This is also related to this answer of mine where I show that if $A, B\subseteq \mathbb{R}^n$ are homeomorphic and $A$ is regular closed, then $\overline{B} = \overline{\text{int}(B)}$
In fact I prove an equivalence: $A\subseteq \mathbb{R}^n$ is homeomorphic to regular closed subset of $\mathbb{R}^n$, if and only if its homeomorphic to a closed subset of $\mathbb{R}^n$ and $\overline{A} = \overline{\text{int}(A)}$
@Jakobian Thanks
16:47
@Jakobian Nah, I've had a lot of training since I spent a lot of time on Discord and other online forums.
It's about as easy as identifying: "If it's too good to be true, it probably is."

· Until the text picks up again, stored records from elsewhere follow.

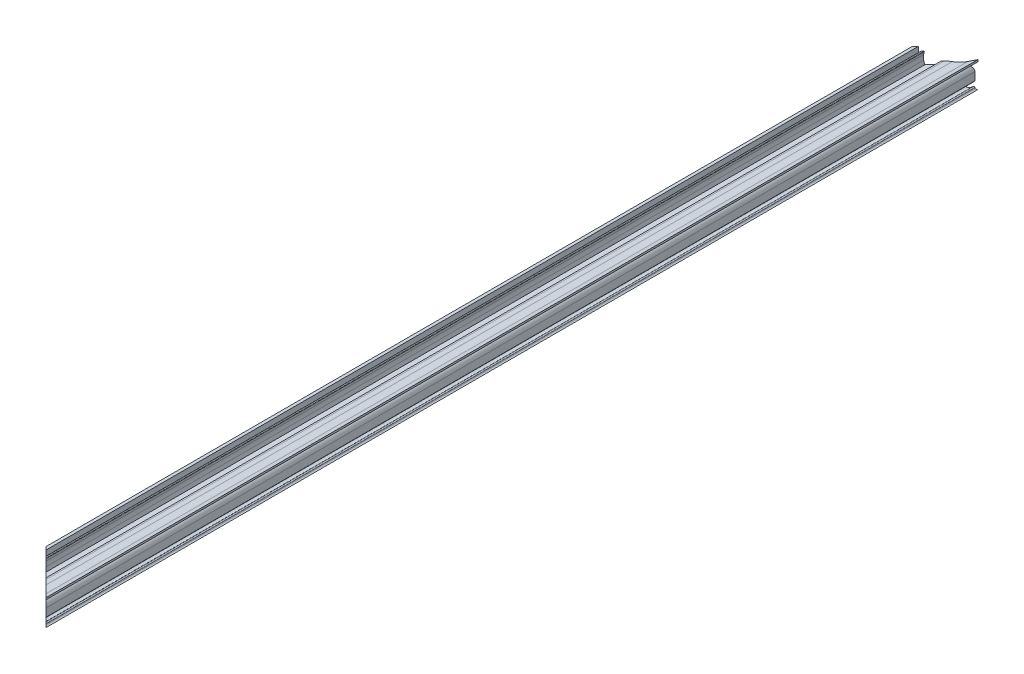
SolidWorks part; units mm, degrees
ref_plane "Front Plane" through (0, 0, 0) normal (0, 0, 1) x (1, 0, 0)
ref_plane "Top Plane" through (0, 0, 0) normal (0, 1, 0) x (1, 0, 0)
ref_plane "Right Plane" through (0, 0, 0) normal (1, 0, 0) x (0, 0, -1)
sketch "Sketch2" plane through (0, 0, 0) normal (0, 0, 1) x (1, 0, 0)
  line L0 (27.4296, 61.2035) -> (27.4296, 62.4835)
  line L1 (27.6297, 70.5806) -> (28.2239, 70.4974)
  line L2 (28.2521, 68.5355) -> (28.4794, 70.1587)
  line L3 (24.4296, 48.2035) -> (46.4296, 48.2035)
  line L4 (46.4296, 65.5674) -> (46.4296, 64.3068)
  line L5 (35.3196, 63.5648) -> (35.3196, 62.5671)
  line L6 (27.0637, 68.7019) -> (27.291, 70.3251)
  line L7 (28.6296, 62.5671) -> (34.1196, 62.5671)
  line L8 (24.4296, 73.2035) -> (26.4296, 73.2035)
  line L9 (43.408, 63.3348) -> (46.4296, 64.3068)
  line L10 (34.1196, 62.5671) -> (34.1196, 64.7671)
  line L11 (43.0405, 64.4771) -> (46.4296, 65.5674)
  line L13 (28.2521, 65.2634) -> (28.6296, 62.5671)
  line L14 (45.3996, 58.5671) -> (45.3996, 53.2529)
  line L15 (35.3196, 62.5671) -> (41.3996, 62.5671)
  line L16 (27.0637, 65.097) -> (27.4296, 62.4835)
  line L17 (34.1196, 64.7671) -> (35.1196, 64.7671)
  line L18 (24.4296, 48.2035) -> (24.4296, 73.2035)
  line L19 (26.4296, 73.2035) -> (26.4296, 61.2035)
  line L20 (26.4296, 61.2035) -> (27.4296, 61.2035)
  arc A0 (35.1196, 64.7671) -> (37.8501, 64.3871) centre (35.1196, 54.7671) cw
  arc A1 (28.4794, 70.1587) -> (28.2239, 70.4974) centre (28.1823, 70.2003) ccw
  arc A2 (37.8501, 64.3871) -> (43.0405, 64.4771) centre (40.2966, 73.0066) ccw
  arc A3 (27.0637, 65.097) -> (27.0637, 68.7019) centre (39.9382, 66.8995) cw
  arc A4 (27.291, 70.3251) -> (27.6297, 70.5806) centre (27.5881, 70.2835) cw
  arc A5 (37.5225, 63.2327) -> (43.408, 63.3348) centre (40.2966, 73.0066) ccw
  arc A6 (45.3996, 53.2529) -> (44.608, 52.8468) centre (44.8996, 53.2529) cw
  arc A7 (28.2521, 65.2634) -> (28.2521, 68.5355) centre (39.9382, 66.8995) cw
  arc A8 (44.608, 52.8468) -> (44.6629, 49.8013) centre (43.4996, 51.3035) ccw
  arc A9 (45.3996, 58.5671) -> (41.3996, 62.5671) centre (41.3996, 58.5671) ccw
  arc A10 (45.4401, 49.3477) -> (44.6629, 49.8013) centre (44.96, 49.4177) ccw
  arc A11 (35.3196, 63.5648) -> (37.5225, 63.2327) centre (35.1196, 54.7671) cw
  arc A12 (45.4401, 49.3477) -> (46.4296, 48.2035) centre (46.4296, 49.2035) ccw
  dimension "D7" = 4
  dimension "D9" = 3.8
  dimension "D10" = 2
  dimension "D4" = 0.3
  dimension "D5" = 0.3
  dimension "D12" = 0.5
  dimension "D3" = 1
  dimension "D11" = 3.1
extrude "Extrude1" add sketch "Sketch2" along normal blind 624
sketch "Sketch3" plane through (0, 48.2035, 0) normal (0, -1, 0) x (1, 0, 0)
  line L0 (46.4296, 624) -> (24.4296, 624)
  line L1 (24.4296, 624) -> (24.4296, 602)
  line L2 (24.4296, 624) -> (24.4296, 0) construction
  line L3 (24.4296, 602) -> (46.4296, 624)
  line L4 (46.4296, 0) -> (24.4296, 0)
  line L5 (24.4296, 0) -> (24.4296, 22)
  line L6 (24.4296, 22) -> (46.4296, 0)
  dimension "D1" = 22
  dimension "D2" = 22
extrude "Extrude2" cut sketch "Sketch3" against normal blind 30
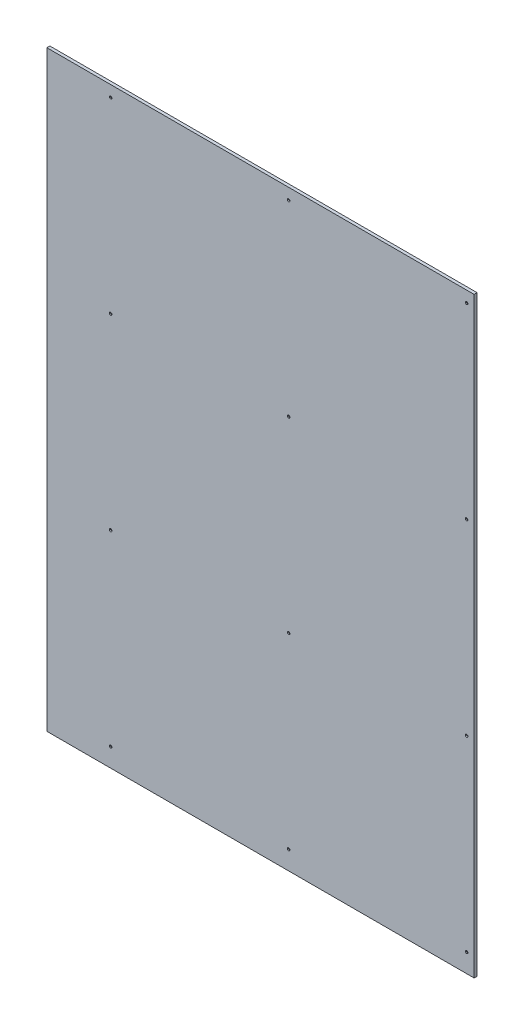
SolidWorks part; units mm, degrees
ref_plane "Front Plane" through (0, 0, 0) normal (0, 0, 1) x (1, 0, 0)
ref_plane "Top Plane" through (0, 0, 0) normal (0, 1, 0) x (1, 0, 0)
ref_plane "Right Plane" through (0, 0, 0) normal (1, 0, 0) x (0, 0, -1)
sketch "Sketch1" plane through (0, 0, 0) normal (0, 0, 1) x (1, 0, 0)
  line L1 (-570, 790) -> (570, 790)
  line L2 (-570, 790) -> (-570, -790)
  line L3 (-570, -790) -> (570, -790)
  line L4 (570, 790) -> (570, -790)
  line L5 (-570, 790) -> (570, -790) construction
  line L6 (-570, -790) -> (570, 790) construction
  point P0 (0, 0)
  dimension "D1" = 1140
  dimension "D2" = 1580
extrude "Boss-Extrude1" add sketch "Sketch1" along normal blind 8 contours L2 L1 L4 L3
sketch "Sketch2" plane through (0, 0, 8) normal (0, 0, 1) x (1, 0, 0)
  line L0 (-570, -790) -> (570, -790) construction
  line L1 (-570, 790) -> (-570, -790) construction
  circle A0 centre (-400, -240) radius 3.5
  circle A1 centre (75, -240) radius 3.5
  circle A2 centre (550, -240) radius 3.5
  circle A3 centre (-400, 260) radius 3.5
  circle A4 centre (75, 260) radius 3.5
  circle A5 centre (550, 260) radius 3.5
  circle A6 centre (-400, 760) radius 3.5
  circle A7 centre (75, 760) radius 3.5
  circle A8 centre (550, 760) radius 3.5
  circle A9 centre (-400, -740) radius 3.5
  circle A10 centre (75, -740) radius 3.5
  circle A11 centre (550, -740) radius 3.5
  dimension "D8" = 7
  dimension "D1" = 500
  dimension "D2" = 1000
  dimension "D3" = 1500
  dimension "D4" = 50
  dimension "D5" = 475
  dimension "D6" = 475
  dimension "D7" = 170
extrude "Cut-Extrude1" cut sketch "Sketch2" against normal blind 3
sketch "Sketch3" plane through (0, 0, 5) normal (0, 0, 1) x (1, 0, 0)
  circle A0 centre (550, -740) radius 3.5 construction
  circle A1 centre (75, -740) radius 3.5 construction
  circle A2 centre (-400, -740) radius 3.5 construction
  circle A3 centre (-400, -240) radius 3.5 construction
  circle A4 centre (75, -240) radius 3.5 construction
  circle A5 centre (550, -240) radius 3.5 construction
  circle A6 centre (550, 260) radius 3.5 construction
  circle A7 centre (75, 260) radius 3.5 construction
  circle A8 centre (-400, 260) radius 3.5 construction
  circle A9 centre (550, 760) radius 3.5 construction
  circle A10 centre (75, 760) radius 3.5 construction
  circle A11 centre (-400, 760) radius 3.5 construction
  circle A12 centre (550, -740) radius 3.5
  circle A13 centre (75, -740) radius 3.5
  circle A14 centre (-400, -740) radius 3.5
  circle A15 centre (-400, -240) radius 3.5
  circle A16 centre (75, -240) radius 3.5
  circle A17 centre (550, -240) radius 3.5
  circle A18 centre (550, 260) radius 3.5
  circle A19 centre (75, 260) radius 3.5
  circle A20 centre (-400, 260) radius 3.5
  circle A21 centre (550, 760) radius 3.5
  circle A22 centre (75, 760) radius 3.5
  circle A23 centre (-400, 760) radius 3.5
extrude "Cut-Extrude2" cut sketch "Sketch3" against normal blind 5 draft 45 draft outward yes

I am finding myself a bit confused with the notion of the domain and range of a (set-theoretic) relation and am hoping someone can help me straighten things out
Halmos begins by defining the Cartesian product of two sets, constructing it explicitly via specification from $P(P(A \cup B)$
He then says that the "reverse direction" is important: that is, given any set whose elements are all ordered pairs, we want to know (and we subsequently show) that there exist sets $A,B$ such that $R \subset A \times B$
No problem so far. He then goes on to say that "it is often desirable to take $A,B$ as small as possible". And so then we define e.g. $A:=\{a \in \cup \cup R : \exists b \in B((a,b) \in R) \}$, the domain of the relation
I had naively thought, since he spoke in formal english, that $dom R =:A$ and $ran R =:B$ as constructed would be such that $A \times B = R$, but my question is about confirming that that suspicion is wrong and that in general all we can have is $R \subset A \times B$ (i.e. it's in general proper)
A second question (again, my sense is the answer is no) is whether there is any construction such that, in general, I can get $R = A\times B$ given only $R$
Maybe to summarize, if someone can confirm this claim: given $R$, the sense in which Halmos uses "smallest" is that for any $A,B$ s.t. $R \subset A \times B$, we have $dom\,R \subset A$ and $ran\,R \subset B$
17:09
@ε†₯ηŽ‹Hades you're imagining things
sorry to tell you that
@EE18 I don't see how that would be confusing
you are a much better mathematician than I (to the extent that I can even use that word for me), so that is not surprising :)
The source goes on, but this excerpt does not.